# 1und1 DSL 100 bestellt, jedoch nur 76 bekommen.



## MaxHaus (15. Mai 2020)

Hallo,
diesen Mittwoch (13.05.20) war bei uns endlich die Umstellung auf DSL 100 soweit. Ich hatte mir extra einen neuen Router (Fritz Box 7530) gekauft, da der alte 1und1 Homeserver nur maximal 50 MBit/s verarbeiten konnte. Nun stellte sich Mittwochabend raus, dass von den gebuchten 100 MBit/s nur gerade einmal 76 ankommen und, da ich zuhause mit Wlan arbeiten muss am PC knapp 71 zur Verfügung stehen. Natürlich ist mir bewusst, dass die Anbieter immer schreiben "bis zu" und sich somit absichern, aber da es mir möglich ist sogar 250 MBit/s zu bestellen dachte ich, dass die 100 eigentlich auch so zu mindestens 90% ankommen würden. Könnte mir vielleicht jemand Tipps geben, wie ich noch mehr rausholen kann oder, ob ich irgendwas ändern kann, um mehr "Power" zu bekommen.
Vielen Dank im Voraus!
(Sorry für die Wortwahl, bin nicht so versiert in diesem Bereich)


----------



## Laudian (15. Mai 2020)

In der FritzBox findest du im Reiter DSL-Informationen einige Infos, davon kannst du ja mal Screenshots erstellen und hier hochladen. Unter anderem findest du da die "ungefähre Leitungslänge", die recht wichtig ist.

Die Wahrscheinlichkeit, dass du durch andere Einstellungen großartig mehr Bandbreite rausholen kannst, ist aber gering.

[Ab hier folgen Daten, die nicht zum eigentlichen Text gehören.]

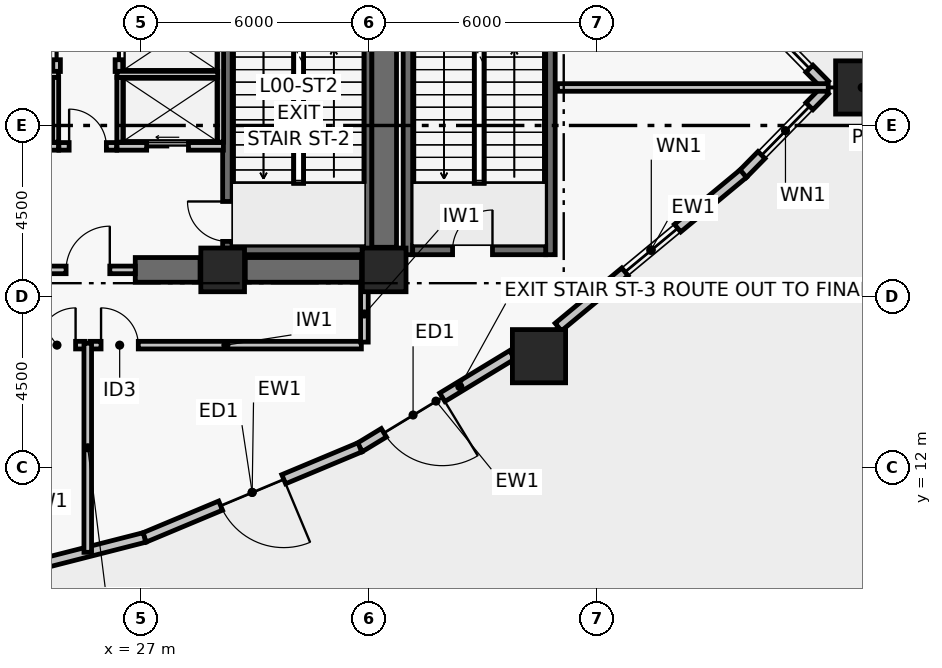
"""IFC4 building model, lengths in metres.
Left out: names, types, materials, properties, quantities, classifications, styles, units other than length and angle.
Written with IfcOpenShell. Run it as: python <this file> out.ifc"""

import sys

from ifc_helpers import new_model, si_unit, direction, frame, frame_2d, origin, origin_2d, place, context, subcontext, project, spatial, rectangle, hollow_rectangle, extrude, element, fill, save


model = new_model("IFC4")
c1 = context("Model", 3, precision=1e-05, world=origin(), true_north=direction((0.0, 1.0)))
c2 = subcontext(c1, "Body", "Model", "MODEL_VIEW")
j1 = project(units=[si_unit("LENGTHUNIT", "METRE"), si_unit("PLANEANGLEUNIT", "RADIAN")], contexts=[c1])
p1 = place(None, origin())
s1 = spatial("IfcSite", under=j1, at=p1, CompositionType="ELEMENT")
p2 = place(p1, origin())
s2 = spatial("IfcBuilding", under=s1, at=p2, CompositionType="ELEMENT")
p3 = place(p2, origin())
s3 = spatial("IfcBuildingStorey", under=s2, at=p3, CompositionType="ELEMENT", Elevation=0.0)
for number, where, z_axis, x_axis in (
    (1, (29.15, 17.2, 0.0), (0.0, 0.0, 1.0), (1.0, 0.0, 0.0)),
    (2, (33.4, 17.2, 0.0), (0.0, 0.0, 1.0), (1.0, 0.0, 0.0)),
):
    element("IfcColumn", number, at=place(p3, frame(where, z_axis=z_axis, x_axis=x_axis)), inside=s3, PredefinedType="COLUMN", context=c2, shape_type="SweptSolid", body=[
        extrude(rectangle(XDim=1.15, YDim=1.15, at=origin_2d()), origin(), (0.0, 0.0, 1.0), 7.2),
    ])
p4 = place(p3, frame((26.85, 17.2, 0.0), z_axis=(0.0, 0.0, 1.0), x_axis=(1.0, 0.0, 0.0)))
e3 = element("IfcWall", 3, at=p4, inside=s3, PredefinedType="SHEAR", context=c2, shape_type="SweptSolid", body=[
    extrude(rectangle(XDim=1.705, YDim=0.65, at=frame_2d((0.853, 0.0))), origin(), (0.0, 0.0, 1.0), 6.88),
])
p5 = place(p3, frame((29.745, 17.2, 0.0), z_axis=(0.0, 0.0, 1.0), x_axis=(1.0, 0.0, 0.0)))
e4 = element("IfcWall", 4, at=p5, inside=s3, PredefinedType="SHEAR", context=c2, shape_type="SweptSolid", body=[
    extrude(rectangle(XDim=3.06, YDim=0.65, at=frame_2d((1.53, 0.0))), origin(), (0.0, 0.0, 1.0), 6.88),
])
p6 = place(p3, frame((33.4, 17.795, 0.0), z_axis=(0.0, 0.0, 1.0), x_axis=(0.0, 1.0, 0.0)))
e5 = element("IfcWall", 5, at=p6, inside=s3, PredefinedType="SHEAR", context=c2, shape_type="SweptSolid", body=[
    extrude(rectangle(XDim=8.41, YDim=0.65, at=frame_2d((4.205, 0.0))), origin(), (0.0, 0.0, 1.0), 6.88),
])
p7 = place(p3, frame((29.275, 17.6, 0.0), z_axis=(0.0, 0.0, 1.0), x_axis=(0.0, 1.0, 0.0)))
e6 = element("IfcWall", 6, at=p7, inside=s3, PredefinedType="SHEAR", context=c2, shape_type="SweptSolid", body=[
    extrude(rectangle(XDim=8.8, YDim=0.25, at=frame_2d((4.4, 0.0))), origin(), (0.0, 0.0, 1.0), 6.88),
])
p8 = place(p7, frame((0.35, 0.0, 0.0)))
e7 = element("IfcOpeningElement", 7, at=p8, cuts=e6, PredefinedType="OPENING", context=c2, shape_type="SweptSolid", body=[
    extrude(rectangle(XDim=1.05, YDim=2.08, at=frame_2d((0.525, 1.04))), frame((0.0, 0.135, 0.0), z_axis=(0.0, -1.0, 0.0), x_axis=(1.0, 0.0, 0.0)), (0.0, 0.0, 1.0), 0.27),
])
p9 = place(p3, frame((32.946, 17.6, 0.0), z_axis=(0.0, 0.0, 1.0), x_axis=(0.0, 1.0, 0.0)))
e8 = element("IfcWall", 8, at=p9, inside=s3, PredefinedType="SHEAR", context=c2, shape_type="SweptSolid", body=[
    extrude(rectangle(XDim=8.8, YDim=0.25, at=frame_2d((4.4, 0.0))), origin(), (0.0, 0.0, 1.0), 6.88),
])
p10 = place(p3, frame((29.4, 17.725, 0.0), z_axis=(0.0, 0.0, 1.0), x_axis=(1.0, 0.0, 0.0)))
e9 = element("IfcWall", 9, at=p10, inside=s3, PredefinedType="SHEAR", context=c2, shape_type="SweptSolid", body=[
    extrude(rectangle(XDim=3.421, YDim=0.25, at=frame_2d((1.71, 0.0))), origin(), (0.0, 0.0, 1.0), 6.88),
])
for number, where, z_axis, x_axis in (
    (10, (34.025, 17.6, 0.0), (0.0, 0.0, 1.0), (0.0, 1.0, 0.0)),
    (11, (37.775, 17.6, 0.0), (0.0, 0.0, 1.0), (0.0, 1.0, 0.0)),
):
    element("IfcWall", number, at=place(p3, frame(where, z_axis=z_axis, x_axis=x_axis)), inside=s3, PredefinedType="SHEAR", context=c2, shape_type="SweptSolid", body=[
        extrude(rectangle(XDim=8.8, YDim=0.25, at=frame_2d((4.4, 0.0))), origin(), (0.0, 0.0, 1.0), 6.88),
    ])
p11 = place(p3, frame((34.15, 17.725, 0.0), z_axis=(0.0, 0.0, 1.0), x_axis=(1.0, 0.0, 0.0)))
e12 = element("IfcWall", 12, at=p11, inside=s3, PredefinedType="SHEAR", context=c2, shape_type="SweptSolid", body=[
    extrude(rectangle(XDim=3.5, YDim=0.25, at=frame_2d((1.75, 0.0))), origin(), (0.0, 0.0, 1.0), 6.88),
])
p12 = place(p11, frame((1.05, 0.0, 0.0)))
e13 = element("IfcOpeningElement", 13, at=p12, cuts=e12, PredefinedType="OPENING", context=c2, shape_type="SweptSolid", body=[
    extrude(rectangle(XDim=1.05, YDim=2.08, at=frame_2d((0.525, 1.04))), frame((0.0, 0.135, 0.0), z_axis=(0.0, -1.0, 0.0), x_axis=(1.0, 0.0, 0.0)), (0.0, 0.0, 1.0), 0.27),
])
for number, where, z_axis, x_axis in (
    (14, (45.979, 22.0, 0.0), (0.0, 0.0, 1.0), (1.0, 0.0, 0.0)),
    (15, (37.474, 14.929, 0.0), (0.0, 0.0, 1.0), (1.0, 0.0, 0.0)),
):
    element("IfcColumn", number, at=place(p3, frame(where, z_axis=z_axis, x_axis=x_axis)), inside=s3, PredefinedType="USERDEFINED", context=c2, shape_type="SweptSolid", body=[
        extrude(hollow_rectangle(XDim=1.4, YDim=1.4, WallThickness=0.055, at=origin_2d()), origin(), (0.0, 0.0, 1.0), 7.2),
    ])
p13 = place(p3, frame((36.767, 14.965, 0.0), z_axis=(0.0, 0.0, 1.0), x_axis=(-0.854658781081, -0.519190107688, 0.0)))
e16 = element("IfcWall", 16, at=p13, inside=s3, PredefinedType="PARTITIONING", context=c2, shape_type="SweptSolid", body=[
    extrude(rectangle(XDim=4.688, YDim=0.26, at=frame_2d((2.344, 0.0))), origin(), (0.0, 0.0, 1.0), 5.43),
])
p14 = place(p13, frame((2.15, 0.0, 0.0)))
e17 = element("IfcOpeningElement", 17, at=p14, cuts=e16, PredefinedType="OPENING", context=c2, shape_type="SweptSolid", body=[
    extrude(rectangle(XDim=1.8, YDim=2.3, at=frame_2d((0.9, 1.15))), frame((0.0, 0.14, 0.0), z_axis=(0.0, -1.0, 0.0), x_axis=(1.0, 0.0, 0.0)), (0.0, 0.0, 1.0), 0.28),
])
p15 = place(p3, frame((32.76, 12.531, 0.0), z_axis=(0.0, 0.0, 1.0), x_axis=(-0.922544641811, -0.385890378042, 0.0)))
e18 = element("IfcWall", 18, at=p15, inside=s3, PredefinedType="PARTITIONING", context=c2, shape_type="SweptSolid", body=[
    extrude(rectangle(XDim=6.144, YDim=0.26, at=frame_2d((3.072, 0.0))), origin(), (0.0, 0.0, 1.0), 5.43),
])
p16 = place(p15, frame((2.172, 0.0, 0.0)))
e19 = element("IfcOpeningElement", 19, at=p16, cuts=e18, PredefinedType="OPENING", context=c2, shape_type="SweptSolid", body=[
    extrude(rectangle(XDim=1.8, YDim=2.3, at=frame_2d((0.9, 1.15))), frame((0.0, 0.14, 0.0), z_axis=(0.0, -1.0, 0.0), x_axis=(1.0, 0.0, 0.0)), (0.0, 0.0, 1.0), 0.28),
])
p17 = place(p3, frame((27.092, 10.16, 0.0), z_axis=(0.0, 0.0, 1.0), x_axis=(-0.968977702302, -0.247148158887, 0.0)))
e20 = element("IfcWall", 20, at=p17, inside=s3, PredefinedType="PARTITIONING", context=c2, shape_type="SweptSolid", body=[
    extrude(rectangle(XDim=6.286, YDim=0.26, at=frame_2d((3.143, 0.0))), origin(), (0.0, 0.0, 1.0), 5.43),
])
p18 = place(p3, frame((42.841, 24.275, 0.0), z_axis=(0.0, 0.0, 1.0), x_axis=(0.700581279712, -0.713572610543, 0.0)))
e21 = element("IfcWall", 21, at=p18, inside=s3, PredefinedType="PARTITIONING", context=c2, shape_type="SweptSolid", body=[
    extrude(rectangle(XDim=3.082, YDim=0.26, at=frame_2d((1.541, 0.0))), origin(), (0.0, 0.0, 1.0), 5.43),
])
p19 = place(p18, frame((0.698, 0.0, 0.9)))
e22 = element("IfcOpeningElement", 22, at=p19, cuts=e21, PredefinedType="OPENING", context=c2, shape_type="SweptSolid", body=[
    extrude(rectangle(XDim=1.8, YDim=1.5, at=frame_2d((0.9, 0.75))), frame((0.0, 0.14, 0.0), z_axis=(0.0, -1.0, 0.0), x_axis=(1.0, 0.0, 0.0)), (0.0, 0.0, 1.0), 0.28),
])
p20 = place(p3, frame((45.0, 21.924, 0.0), z_axis=(0.0, 0.0, 1.0), x_axis=(-0.700581279712, -0.713572610543, 0.0)))
e23 = element("IfcWall", 23, at=p20, inside=s3, PredefinedType="PARTITIONING", context=c2, shape_type="SweptSolid", body=[
    extrude(rectangle(XDim=3.082, YDim=0.26, at=frame_2d((1.541, 0.0))), origin(), (0.0, 0.0, 1.0), 5.43),
])
p21 = place(p20, frame((0.585, 0.0, 0.9)))
e24 = element("IfcOpeningElement", 24, at=p21, cuts=e23, PredefinedType="OPENING", context=c2, shape_type="SweptSolid", body=[
    extrude(rectangle(XDim=1.8, YDim=1.5, at=frame_2d((0.9, 0.75))), frame((0.0, 0.14, 0.0), z_axis=(0.0, -1.0, 0.0), x_axis=(1.0, 0.0, 0.0)), (0.0, 0.0, 1.0), 0.28),
])
p22 = place(p3, frame((42.85, 19.733, 0.0), z_axis=(0.0, 0.0, 1.0), x_axis=(-0.769753796379, -0.638340890873, 0.0)))
e25 = element("IfcWall", 25, at=p22, inside=s3, PredefinedType="PARTITIONING", context=c2, shape_type="SweptSolid", body=[
    extrude(rectangle(XDim=6.324, YDim=0.26, at=frame_2d((3.162, 0.0))), origin(), (0.0, 0.0, 1.0), 5.43),
])
p23 = place(p22, frame((2.246, 0.0, 0.9)))
e26 = element("IfcOpeningElement", 26, at=p23, cuts=e25, PredefinedType="OPENING", context=c2, shape_type="SweptSolid", body=[
    extrude(rectangle(XDim=1.8, YDim=1.5, at=frame_2d((0.9, 0.75))), frame((0.0, 0.14, 0.0), z_axis=(0.0, -1.0, 0.0), x_axis=(1.0, 0.0, 0.0)), (0.0, 0.0, 1.0), 0.28),
])
p24 = place(p3, frame((24.35, 17.2, 0.0), z_axis=(0.0, 0.0, 1.0), x_axis=(1.0, 0.0, 0.0)))
e27 = element("IfcWall", 27, at=p24, inside=s3, PredefinedType="PARTITIONING", context=c2, shape_type="SweptSolid", body=[
    extrude(rectangle(XDim=2.5, YDim=0.2, at=frame_2d((1.25, 0.0))), origin(), (0.0, 0.0, 1.0), 6.01),
])
p25 = place(p24, frame((0.68, 0.0, 0.0)))
e28 = element("IfcOpeningElement", 28, at=p25, cuts=e27, PredefinedType="OPENING", context=c2, shape_type="SweptSolid", body=[
    extrude(rectangle(XDim=1.15, YDim=2.08, at=frame_2d((0.575, 1.04))), frame((0.0, 0.11, 0.0), z_axis=(0.0, -1.0, 0.0), x_axis=(1.0, 0.0, 0.0)), (0.0, 0.0, 1.0), 0.22),
])
p26 = place(p3, frame((24.84, 20.45, 0.0), z_axis=(0.0, 0.0, 1.0), x_axis=(1.0, 0.0, 0.0)))
e29 = element("IfcWall", 29, at=p26, inside=s3, PredefinedType="PARTITIONING", context=c2, shape_type="SweptSolid", body=[
    extrude(rectangle(XDim=1.52, YDim=0.2, at=frame_2d((0.76, 0.0))), origin(), (0.0, 0.0, 1.0), 6.88),
])
p27 = place(p26, frame((0.27, 0.0, 0.0)))
e30 = element("IfcOpeningElement", 30, at=p27, cuts=e29, PredefinedType="OPENING", context=c2, shape_type="SweptSolid", body=[
    extrude(rectangle(XDim=0.98, YDim=2.06, at=frame_2d((0.49, 1.03))), frame((0.0, 0.11, 0.0), z_axis=(0.0, -1.0, 0.0), x_axis=(1.0, 0.0, 0.0)), (0.0, 0.0, 1.0), 0.22),
])
p28 = place(p3, frame((22.03, 20.45, 0.0), z_axis=(0.0, 0.0, 1.0), x_axis=(1.0, 0.0, 0.0)))
e31 = element("IfcWall", 31, at=p28, inside=s3, PredefinedType="PARTITIONING", context=c2, shape_type="SweptSolid", body=[
    extrude(rectangle(XDim=2.8, YDim=0.2, at=frame_2d((1.4, 0.0))), origin(), (0.0, 0.0, 1.0), 6.88),
])
p29 = place(p28, frame((0.78, 0.0, 0.0)))
e32 = element("IfcOpeningElement", 32, at=p29, cuts=e31, PredefinedType="OPENING", context=c2, shape_type="SweptSolid", body=[
    extrude(rectangle(XDim=1.1, YDim=2.08, at=frame_2d((0.55, 1.04))), frame((0.0, 0.11, 0.0), z_axis=(0.0, -1.0, 0.0), x_axis=(1.0, 0.0, 0.0)), (0.0, 0.0, 1.0), 0.22),
])
p30 = place(p3, frame((26.37, 20.45, 0.0), z_axis=(0.0, 0.0, 1.0), x_axis=(1.0, 0.0, 0.0)))
e33 = element("IfcWall", 33, at=p30, inside=s3, PredefinedType="PARTITIONING", context=c2, shape_type="SweptSolid", body=[
    extrude(rectangle(XDim=2.8, YDim=0.2, at=frame_2d((1.4, 0.0))), origin(), (0.0, 0.0, 1.0), 6.88),
])
p31 = place(p30, frame((0.78, 0.0, 0.0)))
e34 = element("IfcOpeningElement", 34, at=p31, cuts=e33, PredefinedType="OPENING", context=c2, shape_type="SweptSolid", body=[
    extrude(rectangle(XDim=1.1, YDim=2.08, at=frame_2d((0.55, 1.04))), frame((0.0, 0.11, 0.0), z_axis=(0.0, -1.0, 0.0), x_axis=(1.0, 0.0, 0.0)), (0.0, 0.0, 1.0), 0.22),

250Mbit/s nutzt eine andere Technologie als 100Mbit/s, nämlich Super Vectoring anstelle des normalen Vectorings. Damit sind theoretisch noch einmal höhere Bandbreiten möglich, allerdings auch nur bei sehr kurzen Leitungen...


----------



## IICARUS (15. Mai 2020)

Habe seit 2 Jahren 100 MBit/s(VDSL) und bekam auch immer an die 96 MBit/s rein.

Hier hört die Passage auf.